‘A life without regrets is built on a mirage,’ John Piper says

John Piper
John Piper, founder of and chancellor of Bethlehem College & Seminary, speaks at the MLK50 Conference hosted by the Ethics & Religious Liberty Commission of the Southern Baptist Convention and The Gospel Coalition in Memphis, Tennessee, on April 5, 2018. |

Notable Bible teacher and Desiring God founder John Piper has taken issue with the popular cultural goal of pursuing a “life without regrets.”

In an episode of “Ask Pastor John” posted to on Monday, a 72-year-old man asked Piper about his own feelings of regret when looking back at his life.
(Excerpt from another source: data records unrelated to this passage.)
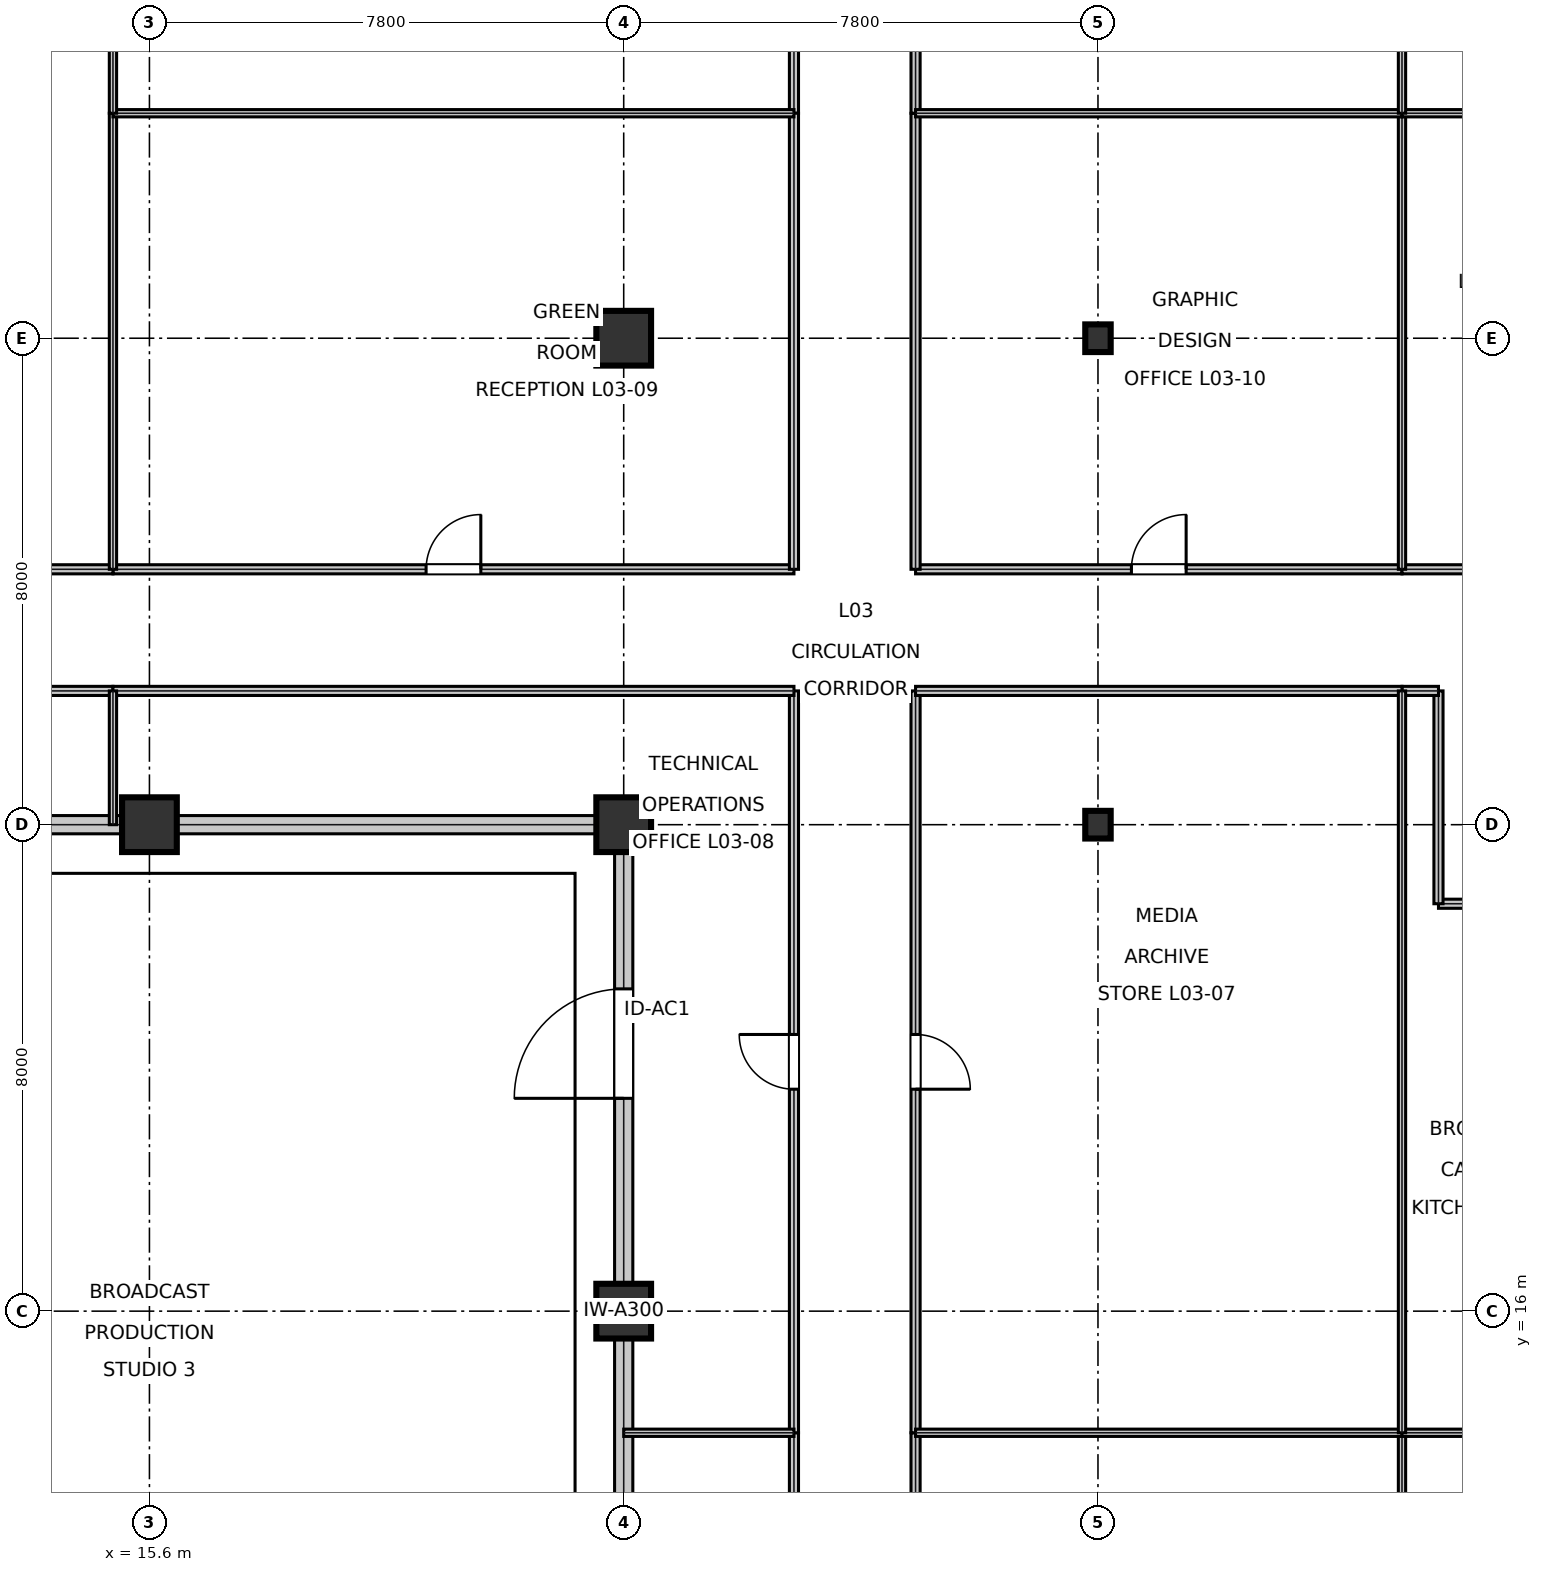
"""IFC4 building model, lengths in metres.
Left out: names, types, materials, properties, quantities, classifications, styles, units other than length and angle.
Written with IfcOpenShell. Run it as: python <this file> out.ifc"""

import sys

from ifc_helpers import new_model, si_unit, direction, frame, frame_2d, origin, origin_2d, place, context, subcontext, project, spatial, rectangle, i_section, extrude, element, fill, save


model = new_model("IFC4")
c1 = context("Model", 3, precision=1e-05, world=origin(), true_north=direction((0.0, 1.0)))
c2 = subcontext(c1, "Body", "Model", "MODEL_VIEW")
j1 = project(units=[si_unit("LENGTHUNIT", "METRE"), si_unit("PLANEANGLEUNIT", "RADIAN")], contexts=[c1])
p1 = place(None, origin())
s1 = spatial("IfcSite", under=j1, at=p1, CompositionType="ELEMENT")
p2 = place(p1, origin())
s2 = spatial("IfcBuilding", under=s1, at=p2, CompositionType="ELEMENT")
p3 = place(p2, frame((0.0, 0.0, 16.2)))
s3 = spatial("IfcBuildingStorey", under=s2, at=p3, CompositionType="ELEMENT", Elevation=16.2)
for number, where, z_axis, x_axis in (
    (1, (15.6, 24.0, 0.0), (0.0, 0.0, 1.0), (1.0, 0.0, 0.0)),
    (2, (23.4, 16.0, 0.0), (0.0, 0.0, 1.0), (1.0, 0.0, 0.0)),
    (3, (23.4, 24.0, 0.0), (0.0, 0.0, 1.0), (1.0, 0.0, 0.0)),
    (4, (23.4, 32.0, 0.0), (0.0, 0.0, 1.0), (1.0, 0.0, 0.0)),
):
    element("IfcColumn", number, at=place(p3, frame(where, z_axis=z_axis, x_axis=x_axis)), inside=s3, PredefinedType="COLUMN", context=c2, shape_type="SweptSolid", body=[
        extrude(rectangle(XDim=0.9, YDim=0.9, at=origin_2d()), origin(), (0.0, 0.0, 1.0), 5.395),
    ])
for number, where, z_axis, x_axis in (
    (5, (31.2, 24.0, 0.0), (0.0, 0.0, 1.0), (1.0, 0.0, 0.0)),
    (6, (31.2, 32.0, 0.0), (0.0, 0.0, 1.0), (1.0, 0.0, 0.0)),
):
    element("IfcColumn", number, at=place(p3, frame(where, z_axis=z_axis, x_axis=x_axis)), inside=s3, PredefinedType="COLUMN", context=c2, shape_type="SweptSolid", body=[
        extrude(i_section(OverallWidth=0.418, OverallDepth=0.455, WebThickness=0.042, FlangeThickness=0.068, at=origin_2d()), origin(), (0.0, 0.0, 1.0), 5.395),
    ])
p4 = place(p3, frame((23.4, 8.0, 0.0), z_axis=(0.0, 0.0, 1.0), x_axis=(0.0, 1.0, 0.0)))
e7 = element("IfcWall", 7, at=p4, inside=s3, PredefinedType="PARTITIONING", context=c2, shape_type="SweptSolid", body=[
    extrude(rectangle(XDim=16.0, YDim=0.3, at=frame_2d((8.0, 0.0))), origin(), (0.0, 0.0, 1.0), 3.688),
])
p5 = place(p4, frame((11.5, 0.0, 0.0)))
e8 = element("IfcOpeningElement", 8, at=p5, cuts=e7, PredefinedType="OPENING", context=c2, shape_type="SweptSolid", body=[
    extrude(rectangle(XDim=1.8, YDim=2.4, at=frame_2d((0.9, 1.2))), frame((0.0, 0.16, 0.0), z_axis=(0.0, -1.0, 0.0), x_axis=(1.0, 0.0, 0.0)), (0.0, 0.0, 1.0), 0.32),
])
p6 = place(p3, frame((7.8, 24.0, 0.0), z_axis=(0.0, 0.0, 1.0), x_axis=(1.0, 0.0, 0.0)))
e9 = element("IfcWall", 9, at=p6, inside=s3, PredefinedType="PARTITIONING", context=c2, shape_type="SweptSolid", body=[
    extrude(rectangle(XDim=15.6, YDim=0.3, at=frame_2d((7.8, 0.0))), origin(), (0.0, 0.0, 1.0), 3.688),
])
p7 = place(p3, frame((26.2, 2.5, 0.0), z_axis=(0.0, 0.0, 1.0), x_axis=(0.0, 1.0, 0.0)))
e10 = element("IfcWall", 10, at=p7, inside=s3, PredefinedType="PARTITIONING", context=c2, shape_type="SweptSolid", body=[
    extrude(rectangle(XDim=11.5, YDim=0.15, at=frame_2d((5.75, 0.0))), origin(), (0.0, 0.0, 1.0), 4.338),
])
p8 = place(p7, frame((5.3, 0.0, 0.0)))
e11 = element("IfcOpeningElement", 11, at=p8, cuts=e10, PredefinedType="OPENING", context=c2, shape_type="SweptSolid", body=[
    extrude(rectangle(XDim=0.9, YDim=2.15, at=frame_2d((0.45, 1.075))), frame((0.0, 0.085, 0.0), z_axis=(0.0, -1.0, 0.0), x_axis=(1.0, 0.0, 0.0)), (0.0, 0.0, 1.0), 0.17),
])
p9 = place(p3, frame((28.2, 4.5, 0.0), z_axis=(0.0, 0.0, 1.0), x_axis=(0.0, 1.0, 0.0)))
e12 = element("IfcWall", 12, at=p9, inside=s3, PredefinedType="PARTITIONING", context=c2, shape_type="SweptSolid", body=[
    extrude(rectangle(XDim=9.5, YDim=0.15, at=frame_2d((4.75, 0.0))), origin(), (0.0, 0.0, 1.0), 4.338),
])
p10 = place(p9, frame((4.3, 0.0, 0.0)))
e13 = element("IfcOpeningElement", 13, at=p10, cuts=e12, PredefinedType="OPENING", context=c2, shape_type="SweptSolid", body=[
    extrude(rectangle(XDim=0.9, YDim=2.15, at=frame_2d((0.45, 1.075))), frame((0.0, 0.085, 0.0), z_axis=(0.0, -1.0, 0.0), x_axis=(1.0, 0.0, 0.0)), (0.0, 0.0, 1.0), 0.17),
])
p11 = place(p3, frame((36.8, 22.7, 0.0), z_axis=(0.0, 0.0, 1.0), x_axis=(1.0, 0.0, 0.0)))
e14 = element("IfcWall", 14, at=p11, inside=s3, PredefinedType="PARTITIONING", context=c2, shape_type="SweptSolid", body=[
    extrude(rectangle(XDim=2.28, YDim=0.15, at=frame_2d((1.14, 0.0))), origin(), (0.0, 0.0, 1.0), 4.415),
])
p12 = place(p11, frame((0.665, 0.0, 0.0)))
e15 = element("IfcOpeningElement", 15, at=p12, cuts=e14, PredefinedType="OPENING", context=c2, shape_type="SweptSolid", body=[
    extrude(rectangle(XDim=0.95, YDim=2.15, at=frame_2d((0.475, 1.075))), frame((0.0, 0.085, 0.0), z_axis=(0.0, -1.0, 0.0), x_axis=(1.0, 0.0, 0.0)), (0.0, 0.0, 1.0), 0.17),
])
p13 = place(p3, frame((28.2, 14.0, 0.0), z_axis=(0.0, 0.0, 1.0), x_axis=(0.0, 1.0, 0.0)))
e16 = element("IfcWall", 16, at=p13, inside=s3, PredefinedType="PARTITIONING", context=c2, shape_type="SweptSolid", body=[
    extrude(rectangle(XDim=12.2, YDim=0.15, at=frame_2d((6.1, 0.0))), origin(), (0.0, 0.0, 1.0), 3.688),
])
p14 = place(p13, frame((5.65, 0.0, 0.0)))
e17 = element("IfcOpeningElement", 17, at=p14, cuts=e16, PredefinedType="OPENING", context=c2, shape_type="SweptSolid", body=[
    extrude(rectangle(XDim=0.9, YDim=2.15, at=frame_2d((0.45, 1.075))), frame((0.0, 0.085, 0.0), z_axis=(0.0, -1.0, 0.0), x_axis=(1.0, 0.0, 0.0)), (0.0, 0.0, 1.0), 0.17),
])
p15 = place(p3, frame((26.2, 14.0, 0.0), z_axis=(0.0, 0.0, 1.0), x_axis=(0.0, 1.0, 0.0)))
e18 = element("IfcWall", 18, at=p15, inside=s3, PredefinedType="PARTITIONING", context=c2, shape_type="SweptSolid", body=[
    extrude(rectangle(XDim=12.2, YDim=0.15, at=frame_2d((6.1, 0.0))), origin(), (0.0, 0.0, 1.0), 3.688),
])
p16 = place(p15, frame((5.65, 0.0, 0.0)))
e19 = element("IfcOpeningElement", 19, at=p16, cuts=e18, PredefinedType="OPENING", context=c2, shape_type="SweptSolid", body=[
    extrude(rectangle(XDim=0.9, YDim=2.15, at=frame_2d((0.45, 1.075))), frame((0.0, 0.085, 0.0), z_axis=(0.0, -1.0, 0.0), x_axis=(1.0, 0.0, 0.0)), (0.0, 0.0, 1.0), 0.17),
])
p17 = place(p3, frame((15.0, 28.2, 0.0), z_axis=(0.0, 0.0, 1.0), x_axis=(1.0, 0.0, 0.0)))
e20 = element("IfcWall", 20, at=p17, inside=s3, PredefinedType="PARTITIONING", context=c2, shape_type="SweptSolid", body=[
    extrude(rectangle(XDim=11.2, YDim=0.15, at=frame_2d((5.6, 0.0))), origin(), (0.0, 0.0, 1.0), 3.688),
])
p18 = place(p17, frame((5.15, 0.0, 0.0)))
e21 = element("IfcOpeningElement", 21, at=p18, cuts=e20, PredefinedType="OPENING", context=c2, shape_type="SweptSolid", body=[
    extrude(rectangle(XDim=0.9, YDim=2.15, at=frame_2d((0.45, 1.075))), frame((0.0, 0.085, 0.0), z_axis=(0.0, -1.0, 0.0), x_axis=(1.0, 0.0, 0.0)), (0.0, 0.0, 1.0), 0.17),
])
p19 = place(p3, frame((28.2, 28.2, 0.0), z_axis=(0.0, 0.0, 1.0), x_axis=(1.0, 0.0, 0.0)))
e22 = element("IfcWall", 22, at=p19, inside=s3, PredefinedType="PARTITIONING", context=c2, shape_type="SweptSolid", body=[
    extrude(rectangle(XDim=8.0, YDim=0.15, at=frame_2d((4.0, 0.0))), origin(), (0.0, 0.0, 1.0), 4.415),
])
p20 = place(p19, frame((3.55, 0.0, 0.0)))
e23 = element("IfcOpeningElement", 23, at=p20, cuts=e22, PredefinedType="OPENING", context=c2, shape_type="SweptSolid", body=[
    extrude(rectangle(XDim=0.9, YDim=2.15, at=frame_2d((0.45, 1.075))), frame((0.0, 0.085, 0.0), z_axis=(0.0, -1.0, 0.0), x_axis=(1.0, 0.0, 0.0)), (0.0, 0.0, 1.0), 0.17),
])
p21 = place(p3, frame((36.2, 28.2, 0.0), z_axis=(0.0, 0.0, 1.0), x_axis=(1.0, 0.0, 0.0)))
e24 = element("IfcWall", 24, at=p21, inside=s3, PredefinedType="PARTITIONING", context=c2, shape_type="SweptSolid", body=[
    extrude(rectangle(XDim=2.6, YDim=0.15, at=frame_2d((1.3, 0.0))), origin(), (0.0, 0.0, 1.0), 5.12),
])
p22 = place(p21, frame((1.185, 0.0, 0.0)))
e25 = element("IfcOpeningElement", 25, at=p22, cuts=e24, PredefinedType="OPENING", context=c2, shape_type="SweptSolid", body=[
    extrude(rectangle(XDim=0.95, YDim=2.15, at=frame_2d((0.475, 1.075))), frame((0.0, 0.085, 0.0), z_axis=(0.0, -1.0, 0.0), x_axis=(1.0, 0.0, 0.0)), (0.0, 0.0, 1.0), 0.17),
])
p23 = place(p3, frame((10.0, 26.2, 0.0), z_axis=(0.0, 0.0, 1.0), x_axis=(1.0, 0.0, 0.0)))
e26 = element("IfcWall", 26, at=p23, inside=s3, PredefinedType="PARTITIONING", context=c2, shape_type="SweptSolid", body=[
    extrude(rectangle(XDim=5.0, YDim=0.15, at=frame_2d((2.5, 0.0))), origin(), (0.0, 0.0, 1.0), 5.12),
])
p24 = place(p23, frame((2.05, 0.0, 0.0)))
e27 = element("IfcOpeningElement", 27, at=p24, cuts=e26, PredefinedType="OPENING", context=c2, shape_type="SweptSolid", body=[
    extrude(rectangle(XDim=0.9, YDim=2.15, at=frame_2d((0.45, 1.075))), frame((0.0, 0.085, 0.0), z_axis=(0.0, -1.0, 0.0), x_axis=(1.0, 0.0, 0.0)), (0.0, 0.0, 1.0), 0.17),
])
p25 = place(p3, frame((26.2, 35.7, 0.0), z_axis=(0.0, 0.0, 1.0), x_axis=(0.0, 1.0, 0.0)))
e28 = element("IfcWall", 28, at=p25, inside=s3, PredefinedType="PARTITIONING", context=c2, shape_type="SweptSolid", body=[
    extrude(rectangle(XDim=8.5, YDim=0.15, at=frame_2d((4.25, 0.0))), origin(), (0.0, 0.0, 1.0), 4.338),
])
p26 = place(p25, frame((3.8, 0.0, 0.0)))
e29 = element("IfcOpeningElement", 29, at=p26, cuts=e28, PredefinedType="OPENING", context=c2, shape_type="SweptSolid", body=[
    extrude(rectangle(XDim=0.9, YDim=2.15, at=frame_2d((0.45, 1.075))), frame((0.0, 0.085, 0.0), z_axis=(0.0, -1.0, 0.0), x_axis=(1.0, 0.0, 0.0)), (0.0, 0.0, 1.0), 0.17),
])
p27 = place(p3, frame((36.8, 22.7, 0.0), z_axis=(0.0, 0.0, 1.0), x_axis=(0.0, 1.0, 0.0)))
e30 = element("IfcWall", 30, at=p27, inside=s3, PredefinedType="PARTITIONING", context=c2, shape_type="SweptSolid", body=[
    extrude(rectangle(XDim=3.5, YDim=0.15, at=frame_2d((1.75, 0.0))), origin(), (0.0, 0.0, 1.0), 4.338),
])
p28 = place(p3, frame((36.2, 26.2, 0.0), z_axis=(0.0, 0.0, 1.0), x_axis=(1.0, 0.0, 0.0)))
e31 = element("IfcWall", 31, at=p28, inside=s3, PredefinedType="PARTITIONING", context=c2, shape_type="SweptSolid", body=[
    extrude(rectangle(XDim=0.6, YDim=0.15, at=frame_2d((0.3, 0.0))), origin(), (0.0, 0.0, 1.0), 5.12),
])
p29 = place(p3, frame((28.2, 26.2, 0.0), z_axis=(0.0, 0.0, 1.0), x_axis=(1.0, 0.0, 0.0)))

“I can look back on many opportunities I missed in life: missions trips I did not take, missionaries I did not support, even professional opportunities I did not take and probably should have, ways to better invest and redeem my time at every stage along the way,” the man said.

“Is it possible for an older man to look back over his life and conclude that I frequently missed God’s will over the years? Or is who I am now the will of God perfectly manifested in all my decisions, and therefore, I should have no regrets at all?” the man asked. 

In response, Piper listed four important things to consider when addressing regrets, one of them being that it's “good to remember our sins and feel regret.”

“A life without regrets is built on a mirage,” Piper said. “If you don’t see sins when you’re looking back over your life, and you don’t regret those sins, you’re not seeing reality. You’re not feeling reality. You’re seeing a mirage.”

“There were plenty of attitudes, words, deeds that were not for the glory of God but selfish, not loving but uncaring, not from faith but from fear. There were plenty of things that came out of your mouth that were not designed for upbuilding, and plenty of good paths taken with defective motives.”

Piper said that to remember one’s failing in life “deepens and intensifies our thankfulness for grace,” quoting First Timothy 1:15 as justification.

“Paul never forgot his regretful past. Writing near the end of his life, he said, ‘The saying is trustworthy and deserving of full acceptance, that Christ Jesus came into the world to save sinners, of whom I am the foremost’ … That was a regret, and he never forgot it,” continued Piper.

Piper’s comments go against the popular trend of other philosophers and social commentators who have written columns aimed at creating a “life without regrets.

For example, author and life coach Grace Bluerock penned a listicle for The Huffington Post in 2017 aimed at giving readers “10 Ways to Live Life With No Regrets."

“As a former hospice social worker, I learned a lot about regret. It was shocking how many of my hospice patients got to the end of their lives wishing they had lived differently,” she wrote at the time.

“We never know how long we will live, so we must make conscious choices each day to live fully and make the most out of each experience we have.”

Her list included “Let your loved ones know you love them,” “Follow your dream,” “Trust your gut instincts,” “Keep your work at work,” “Take risks,” “Take life less seriously,” “Turn ‘failures’ into stepping stones,” “Practice forgiveness,” “Be yourself,” and “Practice kindness.”

“Our lives are meant to be lived fully and completely, without regret,” concluded Bluerock. “We never know how long we have, so let's start living a life free of regrets today and every day.”